Kornak’s prior role as treasurer for the Michigan Democratic Party places the case in close political proximity to the Attorney General’s broader party infrastructure, even though the charging decision itself was handled at the local prosecutorial level.
There is no public indication that Attorney General Nessel has intervened in or directed this most recent prosecution. However, the case creates a clear transparency test: whether politically connected defendants are treated with the same urgency, visibility, and follow through as similarly situated defendants without institutional ties.
Michigan has emphasized public commitment to protecting vulnerable adults from financial exploitation. That commitment is only credible if enforcement standards remain consistent regardless of professional status or political affiliation.
The Kornak case presents an opportunity for the Attorney General’s office to demonstrate that fiduciary abuse allegations are pursued on the facts alone, without insulation, delay, or quiet resolution.
The Clutch Justice Principle of Equal Accountability
Clutch Justice does not evaluate cases through a partisan lens. Political affiliation, professional stature, or institutional proximity should never determine how seriously allegations are examined or how rigorously laws are enforced.
Equal protection under the law is not aspirational. It is foundational. When outcomes appear to shift based on who someone knows, which party they served, or how embedded they are in professional systems, due process and impartiality lose their meaning. Justice cannot be conditional without becoming arbitrary.

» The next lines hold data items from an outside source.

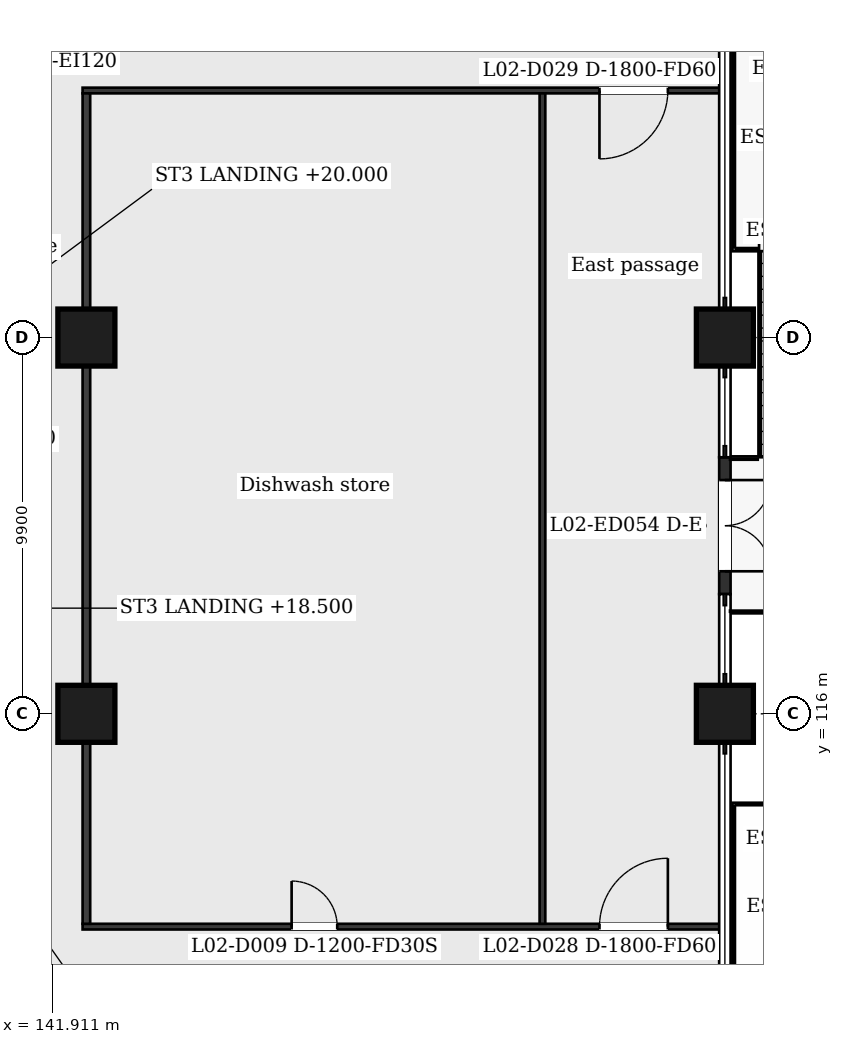
"""IFC4 building model, lengths in metres.
Left out: names, types, materials, properties, quantities, classifications, styles, units other than length and angle.
Written with IfcOpenShell. Run it as: python <this file> out.ifc"""

import sys

from ifc_helpers import new_model, si_unit, direction, frame, frame_2d, origin, origin_2d, place, context, subcontext, project, spatial, rectangle, extrude, element, fill, save


model = new_model("IFC4")
c1 = context("Model", 3, precision=1e-05, world=origin(), true_north=direction((0.0, 1.0)))
c2 = subcontext(c1, "Body", "Model", "MODEL_VIEW")
j1 = project(units=[si_unit("LENGTHUNIT", "METRE"), si_unit("PLANEANGLEUNIT", "RADIAN")], contexts=[c1])
p1 = place(None, origin())
s1 = spatial("IfcSite", under=j1, at=p1, CompositionType="ELEMENT")
p2 = place(p1, origin())
s2 = spatial("IfcBuilding", under=s1, at=p2, CompositionType="ELEMENT")
p3 = place(p2, frame((0.0, 0.0, 17.0)))
s3 = spatial("IfcBuildingStorey", under=s2, at=p3, CompositionType="ELEMENT", Elevation=17.0)
for number, where, z_axis, x_axis in (
    (1, (142.8, 116.0, 0.0), (0.0, 0.0, 1.0), (1.0, 0.0, 0.0)),
    (2, (159.6, 116.0, 0.0), (0.0, 0.0, 1.0), (1.0, 0.0, 0.0)),
    (3, (142.8, 125.9, 0.0), (0.0, 0.0, 1.0), (1.0, 0.0, 0.0)),
    (4, (159.6, 125.9, 0.0), (0.0, 0.0, 1.0), (1.0, 0.0, 0.0)),
):
    element("IfcColumn", number, at=place(p3, frame(where, z_axis=z_axis, x_axis=x_axis)), inside=s3, PredefinedType="COLUMN", context=c2, shape_type="SweptSolid", body=[
        extrude(rectangle(XDim=1.5, YDim=1.5, at=origin_2d()), origin(), (0.0, 0.0, 1.0), 6.0),
    ])
p4 = place(p3, frame((159.6, 122.75, 0.0), z_axis=(0.0, 0.0, 1.0), x_axis=(0.0, -1.0, 0.0)))
e5 = element("IfcWall", 5, at=p4, inside=s3, PredefinedType="SOLIDWALL", context=c2, shape_type="SweptSolid", body=[
    extrude(rectangle(XDim=3.6, YDim=0.3, at=frame_2d((1.8, 0.0))), origin(), (0.0, 0.0, 1.0), 5.1),
])
p5 = place(p4, frame((0.6, 0.0, 0.0)))
e6 = element("IfcOpeningElement", 6, at=p5, cuts=e5, PredefinedType="OPENING", context=c2, shape_type="SweptSolid", body=[
    extrude(rectangle(XDim=2.4, YDim=2.4, at=frame_2d((1.2, 1.2))), frame((0.0, 0.16, 0.0), z_axis=(0.0, -1.0, 0.0), x_axis=(1.0, 0.0, 0.0)), (0.0, 0.0, 1.0), 0.32),
])
p6 = place(p3, frame((142.7, 110.4, 0.0), z_axis=(0.0, 0.0, 1.0), x_axis=(1.0, 0.0, 0.0)))
e7 = element("IfcWall", 7, at=p6, inside=s3, PredefinedType="PARTITIONING", context=c2, shape_type="SweptSolid", body=[
    extrude(rectangle(XDim=16.85, YDim=0.15, at=frame_2d((8.425, 0.0))), origin(), (0.0, 0.0, 1.0), 5.5),
])
p7 = place(p6, frame((5.5, 0.0, 0.0)))
e8 = element("IfcOpeningElement", 8, at=p7, cuts=e7, PredefinedType="OPENING", context=c2, shape_type="SweptSolid", body=[
    extrude(rectangle(XDim=1.2, YDim=2.1, at=frame_2d((0.6, 1.05))), frame((0.0, 0.085, 0.0), z_axis=(0.0, -1.0, 0.0), x_axis=(1.0, 0.0, 0.0)), (0.0, 0.0, 1.0), 0.17),
])
p8 = place(p6, frame((13.6, 0.0, 0.0)))
e9 = element("IfcOpeningElement", 9, at=p8, cuts=e7, PredefinedType="OPENING", context=c2, shape_type="SweptSolid", body=[
    extrude(rectangle(XDim=1.8, YDim=2.1, at=frame_2d((0.9, 1.05))), frame((0.0, 0.085, 0.0), z_axis=(0.0, -1.0, 0.0), x_axis=(1.0, 0.0, 0.0)), (0.0, 0.0, 1.0), 0.17),
])
p9 = place(p3, frame((142.7, 132.4, 0.0), z_axis=(0.0, 0.0, 1.0), x_axis=(1.0, 0.0, 0.0)))
e10 = element("IfcWall", 10, at=p9, inside=s3, PredefinedType="PARTITIONING", context=c2, shape_type="SweptSolid", body=[
    extrude(rectangle(XDim=16.85, YDim=0.15, at=frame_2d((8.425, 0.0))), origin(), (0.0, 0.0, 1.0), 5.5),
])
p10 = place(p9, frame((13.6, 0.0, 0.0)))
e11 = element("IfcOpeningElement", 11, at=p10, cuts=e10, PredefinedType="OPENING", context=c2, shape_type="SweptSolid", body=[
    extrude(rectangle(XDim=1.8, YDim=2.1, at=frame_2d((0.9, 1.05))), frame((0.0, 0.085, 0.0), z_axis=(0.0, -1.0, 0.0), x_axis=(1.0, 0.0, 0.0)), (0.0, 0.0, 1.0), 0.17),
])
p11 = place(p3, frame((142.8, 110.475, 0.0), z_axis=(0.0, 0.0, 1.0), x_axis=(0.0, 1.0, 0.0)))
e12 = element("IfcWall", 12, at=p11, inside=s3, PredefinedType="PARTITIONING", context=c2, shape_type="SweptSolid", body=[
    extrude(rectangle(XDim=21.85, YDim=0.2, at=frame_2d((10.925, 0.0))), origin(), (0.0, 0.0, 1.0), 5.5),
])
p12 = place(p3, frame((154.8, 110.475, 0.0), z_axis=(0.0, 0.0, 1.0), x_axis=(0.0, 1.0, 0.0)))
e13 = element("IfcWall", 13, at=p12, inside=s3, PredefinedType="PARTITIONING", context=c2, shape_type="SweptSolid", body=[
    extrude(rectangle(XDim=21.85, YDim=0.15, at=frame_2d((10.925, 0.0))), origin(), (0.0, 0.0, 1.0), 5.5),
])
p13 = place(p5, origin())
e14 = element("IfcDoor", 14, at=p13, inside=s3, OperationType="DOUBLE_DOOR_DOUBLE_SWING", PredefinedType="DOOR", context=c2, shape_type="SweptSolid", body=[
    extrude(rectangle(XDim=2.4, YDim=2.4, at=frame_2d((1.2, 1.2))), frame((0.0, 0.025, 0.0), z_axis=(0.0, -1.0, 0.0), x_axis=(1.0, 0.0, 0.0)), (0.0, 0.0, 1.0), 0.05),
])
fill(e6, e14)
p14 = place(p7, origin())
e15 = element("IfcDoor", 15, at=p14, inside=s3, OperationType="SINGLE_SWING_LEFT", PredefinedType="DOOR", context=c2, shape_type="SweptSolid", body=[
    extrude(rectangle(XDim=1.2, YDim=2.1, at=frame_2d((0.6, 1.05))), frame((0.0, 0.025, 0.0), z_axis=(0.0, -1.0, 0.0), x_axis=(1.0, 0.0, 0.0)), (0.0, 0.0, 1.0), 0.05),
])
fill(e8, e15)
p15 = place(p8, origin())
e16 = element("IfcDoor", 16, at=p15, inside=s3, OperationType="SINGLE_SWING_RIGHT", PredefinedType="DOOR", context=c2, shape_type="SweptSolid", body=[
    extrude(rectangle(XDim=1.8, YDim=2.1, at=frame_2d((0.9, 1.05))), frame((0.0, 0.025, 0.0), z_axis=(0.0, -1.0, 0.0), x_axis=(1.0, 0.0, 0.0)), (0.0, 0.0, 1.0), 0.05),
])
fill(e9, e16)
p16 = place(p10, origin())
e17 = element("IfcDoor", 17, at=p16, inside=s3, OperationType="SINGLE_SWING_LEFT", PredefinedType="DOOR", context=c2, shape_type="SweptSolid", body=[
    extrude(rectangle(XDim=1.8, YDim=2.1, at=frame_2d((0.9, 1.05))), frame((0.0, 0.025, 0.0), z_axis=(0.0, -1.0, 0.0), x_axis=(1.0, 0.0, 0.0)), (0.0, 0.0, 1.0), 0.05),
])
fill(e11, e17)
save(model, sys.argv[1])
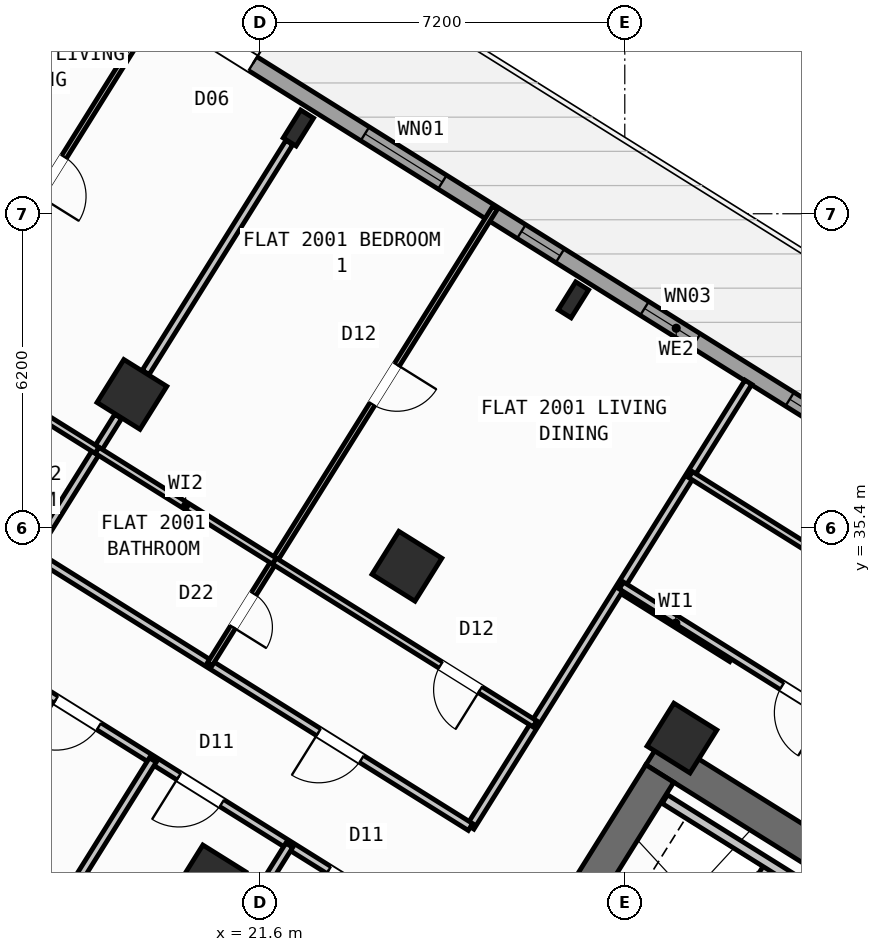
"""IFC4 building model, lengths in metres.
Left out: names, types, materials, properties, quantities, classifications, styles, units other than length and angle.
Written with IfcOpenShell. Run it as: python <this file> out.ifc"""

import sys

from ifc_helpers import new_model, si_unit, direction, frame, frame_2d, origin, origin_2d, place, context, subcontext, project, spatial, rectangle, hollow_rectangle, i_section, extrude, source, transform, mapped, element, fill, save


model = new_model("IFC4")
c1 = context("Model", 3, precision=1e-05, world=origin(), true_north=direction((0.0, 1.0)))
c2 = subcontext(c1, "Body", "Model", "MODEL_VIEW")
j1 = project(units=[si_unit("LENGTHUNIT", "METRE"), si_unit("PLANEANGLEUNIT", "RADIAN")], contexts=[c1])
p1 = place(None, origin())
s1 = spatial("IfcSite", under=j1, at=p1, CompositionType="ELEMENT")
p2 = place(p1, origin())
s2 = spatial("IfcBuilding", under=s1, at=p2, CompositionType="ELEMENT")
p3 = place(p2, frame((0.0, 0.0, 81.0)))
s3 = spatial("IfcBuildingStorey", under=s2, at=p3, CompositionType="ELEMENT", Elevation=81.0)
p4 = place(p3, frame((40.615, 23.983, 0.0), z_axis=(0.0, 0.0, 1.0), x_axis=(-0.848045953968, 0.529922692436, 0.0)))
e1 = element("IfcWall", 1, at=p4, inside=s3, PredefinedType="SHEAR", context=c2, shape_type="SweptSolid", body=[
    extrude(rectangle(XDim=13.24, YDim=0.65, at=frame_2d((6.62, 0.0))), origin(), (0.0, 0.0, 1.0), 3.32),
])
p5 = place(p3, frame((29.491, 30.552, 0.0), z_axis=(0.0, 0.0, 1.0), x_axis=(-0.529893103397, -0.8480644427, 0.0)))
e2 = element("IfcWall", 2, at=p5, inside=s3, PredefinedType="SHEAR", context=c2, shape_type="SweptSolid", body=[
    extrude(rectangle(XDim=3.525, YDim=0.65, at=frame_2d((1.763, 0.0))), origin(), (0.0, 0.0, 1.0), 3.32),
])
m1 = source(origin(), c2, "Body", "SweptSolid", [
    extrude(hollow_rectangle(XDim=1.0, YDim=1.0, WallThickness=0.04, at=origin_2d()), origin(), (0.0, 0.0, 1.0), 3.6),
])
p6 = place(p3, frame((29.928, 31.251, 0.0), z_axis=(0.0, 0.0, 1.0), x_axis=(-0.848048096156, 0.529919264233, 0.0)))
e3 = element("IfcColumn", 3, at=p6, inside=s3, PredefinedType="COLUMN", context=c2, shape_type="MappedRepresentation", body=[
    mapped(m1, transform((0.0, 0.0, 0.0), scale=1.0)),
])
m2 = source(origin(), c2, "Body", "SweptSolid", [
    extrude(i_section(OverallWidth=0.3, OverallDepth=0.65, WebThickness=0.016, FlangeThickness=0.031, at=origin_2d()), origin(), (0.0, 0.0, 1.0), 3.6),
])
p7 = place(p3, frame((27.786, 39.901, 0.0), z_axis=(0.0, 0.0, 1.0), x_axis=(-0.848048096156, 0.529919264233, 0.0)))
e4 = element("IfcColumn", 4, at=p7, inside=s3, PredefinedType="COLUMN", context=c2, shape_type="MappedRepresentation", body=[
    mapped(m2, transform((0.0, 0.0, 0.0), scale=1.0)),
])
for number, where, z_axis, x_axis in (
    (5, (24.5, 34.643, 0.0), (0.0, 0.0, 1.0), (-0.848, 0.53, 0.0)),
    (6, (20.632, 28.452, 0.0), (0.0, 0.0, 1.0), (-0.848, 0.53, 0.0)),
):
    element("IfcColumn", number, at=place(p3, frame(where, z_axis=z_axis, x_axis=x_axis)), inside=s3, PredefinedType="COLUMN", context=c2, shape_type="MappedRepresentation", body=[
        mapped(m1, transform((0.0, 0.0, 0.0), scale=1.0)),
    ])
p8 = place(p3, frame((22.358, 43.292, 0.0), z_axis=(0.0, 0.0, 1.0), x_axis=(-0.848048096156, 0.529919264233, 0.0)))
e7 = element("IfcColumn", 7, at=p8, inside=s3, PredefinedType="COLUMN", context=c2, shape_type="MappedRepresentation", body=[
    mapped(m2, transform((0.0, 0.0, 0.0), scale=1.0)),
])
p9 = place(p3, frame((19.073, 38.034, 0.0), z_axis=(0.0, 0.0, 1.0), x_axis=(-0.848048096156, 0.529919264233, 0.0)))
e8 = element("IfcColumn", 8, at=p9, inside=s3, PredefinedType="COLUMN", context=c2, shape_type="MappedRepresentation", body=[
    mapped(m1, transform((0.0, 0.0, 0.0), scale=1.0)),
])
p10 = place(p3, frame((17.424, 47.083, 0.0), z_axis=(0.0, 0.0, 1.0), x_axis=(0.848049927979, -0.529916332693, 0.0)))
e9 = element("IfcWall", 9, at=p10, inside=s3, PredefinedType="STANDARD", context=c2, shape_type="SweptSolid", body=[
    extrude(rectangle(XDim=29.223, YDim=0.32, at=frame_2d((14.612, 0.0))), origin(), (0.0, 0.0, 1.0), 3.32),
])
p11 = place(p10, frame((3.709, 0.0, 0.0)))
e10 = element("IfcOpeningElement", 10, at=p11, cuts=e9, PredefinedType="OPENING", context=c2, shape_type="SweptSolid", body=[
    extrude(rectangle(XDim=1.05, YDim=2.15, at=frame_2d((0.525, 1.075))), frame((0.0, 0.17, 0.0), z_axis=(0.0, -1.0, 0.0), x_axis=(1.0, 0.0, 0.0)), (0.0, 0.0, 1.0), 0.34),
])
p12 = place(p10, frame((0.659, 0.0, 0.95)))
e11 = element("IfcOpeningElement", 11, at=p12, cuts=e9, PredefinedType="OPENING", context=c2, shape_type="SweptSolid", body=[
    extrude(rectangle(XDim=1.2, YDim=1.4, at=frame_2d((0.6, 0.7))), frame((0.0, 0.17, 0.0), z_axis=(0.0, -1.0, 0.0), x_axis=(1.0, 0.0, 0.0)), (0.0, 0.0, 1.0), 0.34),
])
p13 = place(p10, frame((7.369, 0.0, 0.85)))
e12 = element("IfcOpeningElement", 12, at=p13, cuts=e9, PredefinedType="OPENING", context=c2, shape_type="SweptSolid", body=[
    extrude(rectangle(XDim=1.8, YDim=1.5, at=frame_2d((0.9, 0.75))), frame((0.0, 0.17, 0.0), z_axis=(0.0, -1.0, 0.0), x_axis=(1.0, 0.0, 0.0)), (0.0, 0.0, 1.0), 0.34),
])
p14 = place(p10, frame((11.009, 0.0, 1.0)))
e13 = element("IfcOpeningElement", 13, at=p14, cuts=e9, PredefinedType="OPENING", context=c2, shape_type="SweptSolid", body=[
    extrude(rectangle(XDim=0.9, YDim=1.25, at=frame_2d((0.45, 0.625))), frame((0.0, 0.17, 0.0), z_axis=(0.0, -1.0, 0.0), x_axis=(1.0, 0.0, 0.0)), (0.0, 0.0, 1.0), 0.34),
])
p15 = place(p10, frame((13.874, 0.0, 0.95)))
e14 = element("IfcOpeningElement", 14, at=p15, cuts=e9, PredefinedType="OPENING", context=c2, shape_type="SweptSolid", body=[
    extrude(rectangle(XDim=1.2, YDim=1.4, at=frame_2d((0.6, 0.7))), frame((0.0, 0.17, 0.0), z_axis=(0.0, -1.0, 0.0), x_axis=(1.0, 0.0, 0.0)), (0.0, 0.0, 1.0), 0.34),
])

Cases involving politically connected professionals are not uncomfortable distractions from accountability. They are the clearest tests of it. The legitimacy of the legal system depends on whether scrutiny increases with power rather than recedes from it.
This case matters not because of party labels, but because trust in fiduciary roles, conservatorships, and public institutions collapses if enforcement standards are uneven. Accountability must be boringly consistent. Anything else erodes confidence in the rule of law itself.
What Happens Next
Kornak is expected to be arraigned and the case will proceed through preliminary examination and motion practice. If bound over, the matter will advance toward trial or potential plea negotiations.
Separately, the allegations may trigger professional discipline proceedings through Michigan’s attorney oversight system, which operates independently of the criminal courts.
Clutch Justice will track both the criminal case and any disciplinary actions that follow.
Why This Case Matters
This prosecution sits at the intersection of power, trust, and vulnerability.
It tests whether fiduciary abuse is treated with equal seriousness regardless of the accused’s professional standing or political connections. It also underscores the risks inherent in conservatorship systems that depend heavily on self reporting and limited review.
Accountability in cases like this is not about politics. It is about whether Michigan’s legal institutions protect vulnerable people consistently, even when doing so is uncomfortable.